One must also look at what the Open Spaces Society says on its website. If we are talking about balance, where is the balance in saying that your position is to oppose path changes? That is a complete no-no. It does not want any path changes. It goes on to say:
“Diversions out of farmyards should normally be opposed”
and that if spreading disease is given as a reason, it is invalid. How can it be invalid with coronavirus rampant?
We have a massive problem with the existing legislation. It is a legal minefield, it is costing owners thousands of pounds to prove a negative in many cases, and we are now faced with a Bill in which public access is to be opened up. I approve of that, but there will have to be a huge effort by the Government to get the present situation under control to reassure farmers about the future situation.

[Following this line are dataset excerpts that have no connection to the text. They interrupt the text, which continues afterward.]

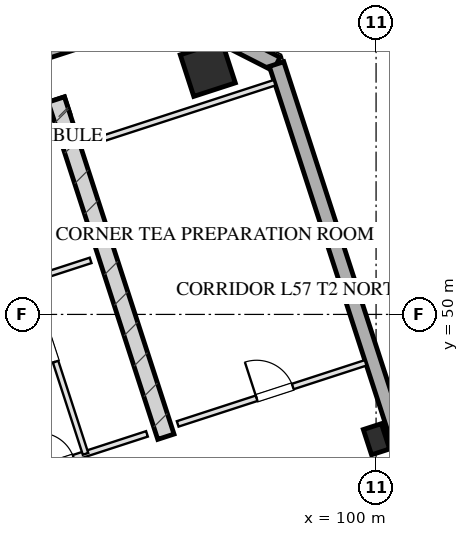
"""IFC4 building model, lengths in metres.
Left out: names, types, materials, properties, quantities, classifications, styles, units other than length and angle.
Written with IfcOpenShell. Run it as: python <this file> out.ifc"""

import sys

from ifc_helpers import new_model, si_unit, direction, frame, frame_2d, origin, origin_2d, place, context, subcontext, project, spatial, rectangle, hollow_rectangle, extrude, element, fill, save


model = new_model("IFC4")
c1 = context("Model", 3, precision=1e-05, world=origin(), true_north=direction((0.0, 1.0)))
c2 = subcontext(c1, "Body", "Model", "MODEL_VIEW")
j1 = project(units=[si_unit("LENGTHUNIT", "METRE"), si_unit("PLANEANGLEUNIT", "RADIAN")], contexts=[c1])
p1 = place(None, origin())
s1 = spatial("IfcSite", under=j1, at=p1, CompositionType="ELEMENT")
p2 = place(p1, origin())
s2 = spatial("IfcBuilding", under=s1, at=p2, CompositionType="ELEMENT")
p3 = place(p2, frame((0.0, 0.0, 212.75)))
s3 = spatial("IfcBuildingStorey", under=s2, at=p3, CompositionType="ELEMENT", Elevation=212.75)
p4 = place(p3, frame((76.415, 50.489, 0.0), z_axis=(0.0, 0.0, 1.0), x_axis=(0.951056810414, 0.309016089169, 0.0)))
e1 = element("IfcWall", 1, at=p4, inside=s3, PredefinedType="SHEAR", context=c2, shape_type="SweptSolid", body=[
    extrude(rectangle(XDim=16.25, YDim=0.45, at=frame_2d((8.125, 0.0))), origin(), (0.0, 0.0, 1.0), 3.45),
])
p5 = place(p3, frame((94.469, 46.781, 0.0), z_axis=(0.0, 0.0, 1.0), x_axis=(-0.309004419953, 0.951060601881, 0.0)))
e2 = element("IfcWall", 2, at=p5, inside=s3, PredefinedType="SHEAR", context=c2, shape_type="SweptSolid", body=[
    extrude(rectangle(XDim=9.33, YDim=0.45, at=frame_2d((4.665, 0.0))), origin(), (0.0, 0.0, 1.0), 3.45),
])
p6 = place(p3, frame((95.572, 56.461, 0.0), z_axis=(0.0, 0.0, 1.0), x_axis=(0.951056516295, 0.309016994375, 0.0)))
e3 = element("IfcColumn", 3, at=p6, inside=s3, PredefinedType="COLUMN", context=c2, shape_type="SweptSolid", body=[
    extrude(hollow_rectangle(XDim=1.15, YDim=1.15, WallThickness=0.04, at=origin_2d()), origin(), (0.0, 0.0, 1.0), 3.451),
])
p7 = place(p3, frame((100.01, 46.716, 0.0), z_axis=(0.0, 0.0, 1.0), x_axis=(0.951056516295, 0.309016994375, 0.0)))
e4 = element("IfcColumn", 4, at=p7, inside=s3, PredefinedType="COLUMN", context=c2, shape_type="SweptSolid", body=[
    extrude(hollow_rectangle(XDim=0.5, YDim=0.7, WallThickness=0.025, at=origin_2d()), origin(), (0.0, 0.0, 1.0), 3.451),
])
p8 = place(p3, frame((72.165, 50.706, 0.0), z_axis=(0.0, 0.0, 1.0), x_axis=(0.951058012937, 0.309012388148, 0.0)))
e5 = element("IfcWall", 5, at=p8, inside=s3, PredefinedType="SOLIDWALL", context=c2, shape_type="SweptSolid", body=[
    extrude(rectangle(XDim=23.6, YDim=0.4, at=frame_2d((11.8, 0.0))), origin(), (0.0, 0.0, 1.0), 2.55),
])
p9 = place(p3, frame((94.61, 57.999, 0.0), z_axis=(0.0, 0.0, 1.0), x_axis=(0.890979603174, -0.454043331334, 0.0)))
e6 = element("IfcWall", 6, at=p9, inside=s3, PredefinedType="SOLIDWALL", context=c2, shape_type="SweptSolid", body=[
    extrude(rectangle(XDim=3.111, YDim=0.4, at=frame_2d((1.556, 0.0))), origin(), (0.0, 0.0, 1.0), 2.55),
])
p10 = place(p3, frame((97.382, 56.586, 0.0), z_axis=(0.0, 0.0, 1.0), x_axis=(0.309016491071, -0.951056679828, 0.0)))
e7 = element("IfcWall", 7, at=p10, inside=s3, PredefinedType="SOLIDWALL", context=c2, shape_type="SweptSolid", body=[
    extrude(rectangle(XDim=38.4, YDim=0.4, at=frame_2d((19.2, 0.0))), origin(), (0.0, 0.0, 1.0), 2.55),
])
p11 = place(p10, frame((24.55, 0.0, 0.75)))
e8 = element("IfcOpeningElement", 8, at=p11, cuts=e7, PredefinedType="OPENING", context=c2, shape_type="SweptSolid", body=[
    extrude(rectangle(XDim=2.1, YDim=1.4, at=frame_2d((1.05, 0.7))), frame((0.0, 0.21, 0.0), z_axis=(0.0, -1.0, 0.0), x_axis=(1.0, 0.0, 0.0)), (0.0, 0.0, 1.0), 0.42),
])
p12 = place(p10, frame((20.75, 0.0, 0.75)))
e9 = element("IfcOpeningElement", 9, at=p12, cuts=e7, PredefinedType="OPENING", context=c2, shape_type="SweptSolid", body=[
    extrude(rectangle(XDim=2.1, YDim=1.4, at=frame_2d((1.05, 0.7))), frame((0.0, 0.21, 0.0), z_axis=(0.0, -1.0, 0.0), x_axis=(1.0, 0.0, 0.0)), (0.0, 0.0, 1.0), 0.42),
])
p13 = place(p10, frame((15.55, 0.0, 0.75)))
e10 = element("IfcOpeningElement", 10, at=p13, cuts=e7, PredefinedType="OPENING", context=c2, shape_type="SweptSolid", body=[
    extrude(rectangle(XDim=2.1, YDim=1.4, at=frame_2d((1.05, 0.7))), frame((0.0, 0.21, 0.0), z_axis=(0.0, -1.0, 0.0), x_axis=(1.0, 0.0, 0.0)), (0.0, 0.0, 1.0), 0.42),
])
p14 = place(p10, frame((11.75, 0.0, 0.75)))
e11 = element("IfcOpeningElement", 11, at=p14, cuts=e7, PredefinedType="OPENING", context=c2, shape_type="SweptSolid", body=[
    extrude(rectangle(XDim=2.1, YDim=1.4, at=frame_2d((1.05, 0.7))), frame((0.0, 0.21, 0.0), z_axis=(0.0, -1.0, 0.0), x_axis=(1.0, 0.0, 0.0)), (0.0, 0.0, 1.0), 0.42),
])
p15 = place(p3, frame((90.928, 45.868, 0.0), z_axis=(0.0, 0.0, 1.0), x_axis=(0.951059297078, 0.309008435874, 0.0)))
e12 = element("IfcWall", 12, at=p15, inside=s3, PredefinedType="PARTITIONING", context=c2, shape_type="SweptSolid", body=[
    extrude(rectangle(XDim=3.2, YDim=0.15, at=frame_2d((1.6, 0.0))), origin(), (0.0, 0.0, 1.0), 3.155),
])
p16 = place(p15, frame((0.22, 0.0, 0.0)))
e13 = element("IfcOpeningElement", 13, at=p16, cuts=e12, PredefinedType="OPENING", context=c2, shape_type="SweptSolid", body=[
    extrude(rectangle(XDim=0.95, YDim=2.05, at=frame_2d((0.475, 1.025))), frame((0.0, 0.085, 0.0), z_axis=(0.0, -1.0, 0.0), x_axis=(1.0, 0.0, 0.0)), (0.0, 0.0, 1.0), 0.17),
])
p17 = place(p3, frame((92.355, 46.331, 0.0), z_axis=(0.0, 0.0, 1.0), x_axis=(-0.309007490203, 0.951059604335, 0.0)))
e14 = element("IfcWall", 14, at=p17, inside=s3, PredefinedType="PARTITIONING", context=c2, shape_type="SweptSolid", body=[
    extrude(rectangle(XDim=8.43, YDim=0.15, at=frame_2d((4.215, 0.0))), origin(), (0.0, 0.0, 1.0), 3.155),
])
p18 = place(p17, frame((2.55, 0.0, 0.0)))
e15 = element("IfcOpeningElement", 15, at=p18, cuts=e14, PredefinedType="OPENING", context=c2, shape_type="SweptSolid", body=[
    extrude(rectangle(XDim=0.95, YDim=2.05, at=frame_2d((0.475, 1.025))), frame((0.0, 0.085, 0.0), z_axis=(0.0, -1.0, 0.0), x_axis=(1.0, 0.0, 0.0)), (0.0, 0.0, 1.0), 0.17),
])
p19 = place(p17, frame((5.8, 0.0, 0.0)))
e16 = element("IfcOpeningElement", 16, at=p19, cuts=e14, PredefinedType="OPENING", context=c2, shape_type="SweptSolid", body=[
    extrude(rectangle(XDim=0.9, YDim=2.05, at=frame_2d((0.45, 1.025))), frame((0.0, 0.085, 0.0), z_axis=(0.0, -1.0, 0.0), x_axis=(1.0, 0.0, 0.0)), (0.0, 0.0, 1.0), 0.17),
])
p20 = place(p3, frame((90.871, 50.896, 0.0), z_axis=(0.0, 0.0, 1.0), x_axis=(0.951054116971, 0.309024378638, 0.0)))
e17 = element("IfcWall", 17, at=p20, inside=s3, PredefinedType="PARTITIONING", context=c2, shape_type="SweptSolid", body=[
    extrude(rectangle(XDim=1.7, YDim=0.15, at=frame_2d((0.85, 0.0))), origin(), (0.0, 0.0, 1.0), 3.155),
])
p21 = place(p3, frame((92.385, 54.49, 0.0), z_axis=(0.0, 0.0, 1.0), x_axis=(0.951055112834, 0.309021313752, 0.0)))
e18 = element("IfcWall", 18, at=p21, inside=s3, PredefinedType="PARTITIONING", context=c2, shape_type="SweptSolid", body=[
    extrude(rectangle(XDim=5.2, YDim=0.15, at=frame_2d((2.6, 0.0))), origin(), (0.0, 0.0, 1.0), 3.155),
])
p22 = place(p3, frame((94.78, 47.119, 0.0), z_axis=(0.0, 0.0, 1.0), x_axis=(0.951055112834, 0.309021313752, 0.0)))
e19 = element("IfcWall", 19, at=p22, inside=s3, PredefinedType="PARTITIONING", context=c2, shape_type="SweptSolid", body=[
    extrude(rectangle(XDim=5.2, YDim=0.15, at=frame_2d((2.6, 0.0))), origin(), (0.0, 0.0, 1.0), 3.155),
])
p23 = place(p22, frame((2.184, 0.0, 0.0)))
e20 = element("IfcOpeningElement", 20, at=p23, cuts=e19, PredefinedType="OPENING", context=c2, shape_type="SweptSolid", body=[
    extrude(rectangle(XDim=1.0, YDim=2.05, at=frame_2d((0.5, 1.025))), frame((0.0, 0.085, 0.0), z_axis=(0.0, -1.0, 0.0), x_axis=(1.0, 0.0, 0.0)), (0.0, 0.0, 1.0), 0.17),
])
p24 = place(p16, origin())
e21 = element("IfcDoor", 21, at=p24, inside=s3, OperationType="SINGLE_SWING_LEFT", PredefinedType="DOOR", context=c2, shape_type="SweptSolid", body=[
    extrude(rectangle(XDim=0.95, YDim=2.05, at=frame_2d((0.475, 1.025))), frame((0.0, 0.025, 0.0), z_axis=(0.0, -1.0, 0.0), x_axis=(1.0, 0.0, 0.0)), (0.0, 0.0, 1.0), 0.05),
])
fill(e13, e21)
p25 = place(p18, origin())
e22 = element("IfcDoor", 22, at=p25, inside=s3, OperationType="SINGLE_SWING_LEFT", PredefinedType="DOOR", context=c2, shape_type="SweptSolid", body=[
    extrude(rectangle(XDim=0.95, YDim=2.05, at=frame_2d((0.475, 1.025))), frame((0.0, 0.025, 0.0), z_axis=(0.0, -1.0, 0.0), x_axis=(1.0, 0.0, 0.0)), (0.0, 0.0, 1.0), 0.05),
])
fill(e15, e22)
p26 = place(p23, origin())
e23 = element("IfcDoor", 23, at=p26, inside=s3, OperationType="SINGLE_SWING_LEFT", PredefinedType="DOOR", context=c2, shape_type="SweptSolid", body=[
    extrude(rectangle(XDim=1.0, YDim=2.05, at=frame_2d((0.5, 1.025))), frame((0.0, 0.025, 0.0), z_axis=(0.0, -1.0, 0.0), x_axis=(1.0, 0.0, 0.0)), (0.0, 0.0, 1.0), 0.05),
])
fill(e20, e23)
save(model, sys.argv[1])

What will happen after 2026? If a landowner agrees a scheme over a public right of access before 2026, will it retrospectively become a bridleway or a public footpath? Will they be able to claim that when it was on a temporary basis or part of some project? These are the legal questions that farmers must face, and the Government must face up to, because at the moment it is a mess. We debated this in the Moses Room, and afterwards, a number of people who had come in to listen were very heated about the lack of progress.
I know that there have been problems and staff have been seconded to look after the Covid-19 situation, but can the Minister tell us where we have got to in trying to correct the present situation regarding footpaths?
My Lords, to begin, I take my reference point from the Book of Genesis, where Adam and Eve were told that they had to be stewards of all creation. That was further defined in the Book of Leviticus, which makes clear that the use of land is to provide abundant crops but also that it is to be a place of sanctuary. Of course, Leviticus goes further, for those who wish a literal interpretation and application of the holy book, because it says that all land must be owned for only 50 years and then passed back by the owner. So landowners who have had land for many centuries need to bear in mind that their tenancy over that land also incorporates long-standing rights of access.
I was a little surprised to hear the noble Earl, Lord Devon, suggesting not just that the NHS budget be diverted to landowners but that access was a major problem. It has certainly not been a major problem at Powderham Castle for the hundreds of thousands of revellers who have visited to watch Noel Gallagher, Coldplay or the range of other concerts that have taken place there. We need the facts to be accurate in these debates.
Health, sanctuary and well-being are fundamental to humanity. Society cannot function without them. Access to the sanctuary of quietness away from the towns and cities is fundamental to the physical and mental well-being of the citizens of this country. There is therefore a balance to be struck between the subsidies demanded and received by the farming community year on year—be it through the new government policy or, previously, the excessive common agricultural policy—and the right of citizens to access rights of way without hindrance, to go out into the fresh air into the sanctuary, as Leviticus defined, in order for our well-being to be preserved. At this time, with the horrors of coronavirus, those rights of access are fundamental. In my view, these amendments are apposite in getting the balance right.